Hey Greg, an estimate can be really highly correlated with reality and still be terribly biased. For instance, I can estimate that I will save 100, 200 and 300 lives in each of the respective next three years. In reality, I will actually save 1, 2 and 3 lives. My estimates explain 100% of the variance there, but there's a huge upward bias. This could be similar to the situation with GiveWell's estimates, which have dropped by an order of magnitude every couple of years. Does your approach guard against this? If not, I don't think it would deserve to be taken literally.

which have dropped by an order of magnitude every couple of years

This seems like a really important point, and I wonder if anyone has blogged on this particular topic yet. In particular:

- How should we expect this trend to continue?
- Does it increase the activation energy for getting involved in EA? (my interest in EA was first aroused by GW and how cheap they reckoned it was to save a life via VillageReach)
- Does it affect the claim that a minority of charities are orders of magnitude more effective than the rest?
- If we become able to put numbers to the effectiveness of a new area, such as xrisk or meta, would we expect to see the same exponential drop-off in our estimates
*even if we're aware of this problem*?

I just realized that I wrote a post with almost the exact same title as this one! Sorry mate, didn't mean to steal your title.

You might be interested in this spreadsheet we designed to help estimate regression to the mean:

Owen can explain better than me how it works.

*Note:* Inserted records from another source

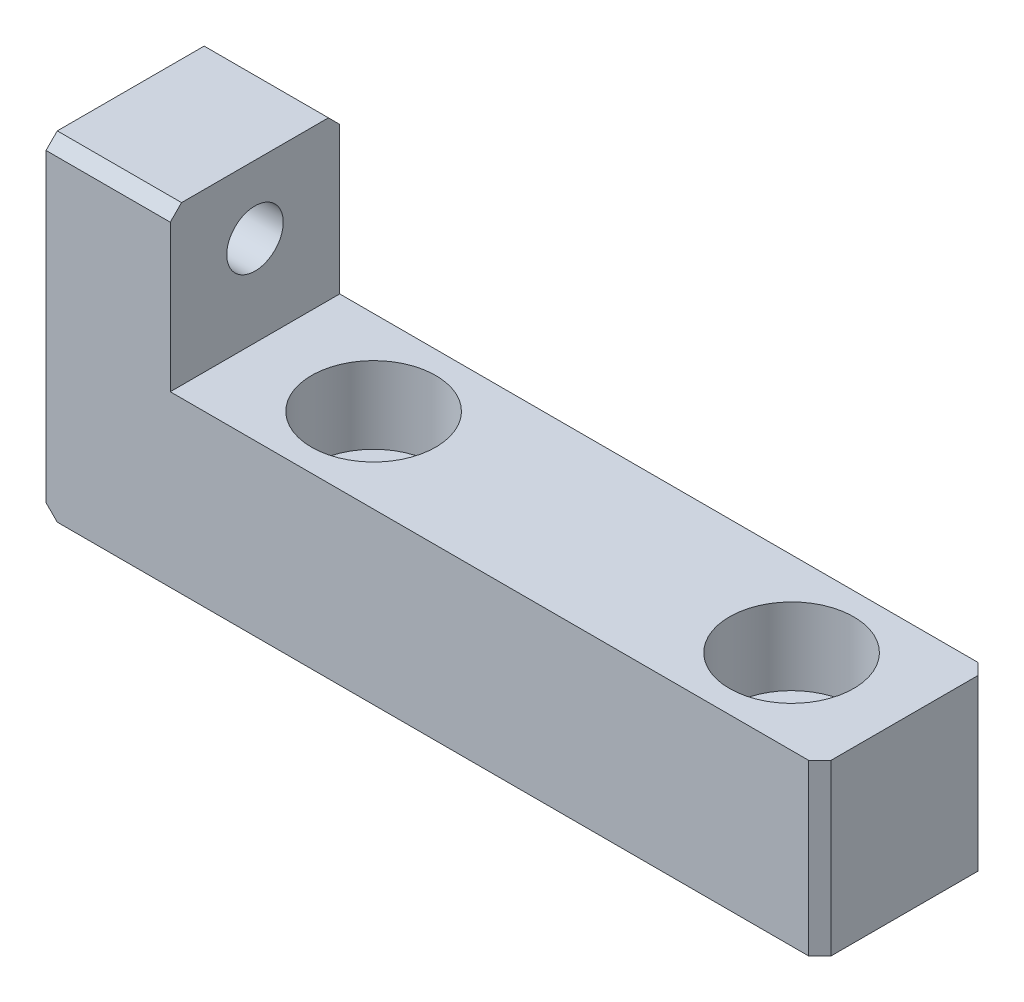
SolidWorks part; units mm, degrees
material "45#"
ref_plane "前基準面" through (0, 0, 0) normal (0, 0, 1) x (1, 0, 0)
ref_plane "上基準面" through (0, 0, 0) normal (0, 1, 0) x (1, 0, 0)
ref_plane "右基準面" through (0, 0, 0) normal (1, 0, 0) x (0, 0, -1)
sketch "草图1" plane through (0, 0, 0) normal (0, 1, 0) x (1, 0, 0)
  line L1 (-34.25, -7.5) -> (34.25, -7.5)
  line L2 (-34.25, -7.5) -> (-34.25, 7.5)
  line L3 (-34.25, 7.5) -> (34.25, 7.5)
  line L4 (34.25, -7.5) -> (34.25, 7.5)
  line L5 (-34.25, -7.5) -> (34.25, 7.5) construction
  line L6 (-34.25, 7.5) -> (34.25, -7.5) construction
  point P0 (0, 0)
  dimension "D1" = 68.5
  dimension "D2" = 15
extrude "凸台-拉伸1" add sketch "草图1" along normal mid plane 15
sketch "草图2" plane through (0, 7.5, 0) normal (0, 1, 0) x (1, 0, 0)
  line L0 (-34.25, -7.5) -> (34.25, -7.5) construction
  line L1 (-34.25, 7.5) -> (-23.25, 7.5)
  line L2 (-34.25, 7.5) -> (-34.25, -7.5)
  line L3 (-34.25, -7.5) -> (-23.25, -7.5)
  line L4 (-23.25, 7.5) -> (-23.25, -7.5)
  dimension "D1" = 11
extrude "凸台-拉伸2" add sketch "草图2" along normal blind 14
chamfer "倒角1" distance 1 angle 45 5 edges at (34.25, 0, -7.5) (34.25, 0, 7.5) (-34.25, -7.5, 0) (-28.75, 21.5, -7.5) (-28.75, 21.5, 7.5)
sketch "草图3" plane through (0, 7.5, 0) normal (0, 1, 0) x (1, 0, 0)
  line L0 (34.25, -6.5) -> (34.25, 6.5) construction
  point P0 (24.25, 0)
  point P2 (-12.75, 0)
  dimension "D1" = 37
  dimension "D2" = 10
hole_wizard "M6 六角圆柱头螺钉的柱形沉头孔1" positions "草图3" profile "草图4" counterbore size "M6" standard "GB" end condition through all
sketch "草图4" plane through (24.25, 7.5, 0) normal (1, 0, 0) x (0, 0, 1)
  line L0 (0, 0) -> (0, 15)
  line L1 (0, 15) -> (3.3, 15)
  line L3 (3.3, 15) -> (3.3, 6.8)
  line L4 (3.3, 6.8) -> (5.5, 6.8)
  line L5 (5.5, 6.8) -> (5.5, 0)
  line L7 (5.5, 0) -> (0, 0)
  line L11 (0, -6.35) -> (0, 107.95) construction
  dimension "通孔孔直径" = 6.6
  dimension "通孔孔深度" = 15
  dimension "柱形沉头孔直径" = 11
  dimension "柱形沉头孔深度" = 6.8
sketch "草图5" plane through (-34.25, 0, 0) normal (-1, 0, 0) x (0, 0, 1)
  line L1 (-6.5, 21.5) -> (6.5, 21.5) construction
  point P0 (0, 15.5)
  dimension "D1" = 6
hole_wizard "M6 螺纹孔1" positions "草图5" profile "草图6" tap size "M6" standard "GB" end condition through all
sketch "草图6" plane through (-34.25, 15.5, 0) normal (0, 1, 0) x (0, 0, 1)
  line L0 (0, 0) -> (0, 68.5)
  line L1 (0, 68.5) -> (2.5, 68.5)
  line L2 (2.5, 68.5) -> (2.5, 0)
  line L5 (2.5, 0) -> (0, 0)
  line L11 (0, -6.35) -> (0, 107.95) construction
  dimension "通孔螺纹孔钻头直径" = 5
  dimension "通孔螺纹孔钻头深度" = 68.5
cosmetic thread "孔螺纹线1" parameters "D2"=6

I've now made that spreadsheet viewable by anyone with the link. If you want to use it you should save a copy you can edit.

It doesn't estimate regression as such; rather it's for keeping track of the inside-view uncertainty about model parameters, in a way which is quick and easy but roughly correct. This gets you to something like a total inside view of the error inherent in the model; if you also have a prior over effectiveness you could then use it to regress.

I talk more about the details in this post. The spreadsheet was made mostly for my own use when I want to make quick estimates with error-bars on log-normal distributions; I've tried to make it slighly user-friendly but I'm afraid it's not terribly so.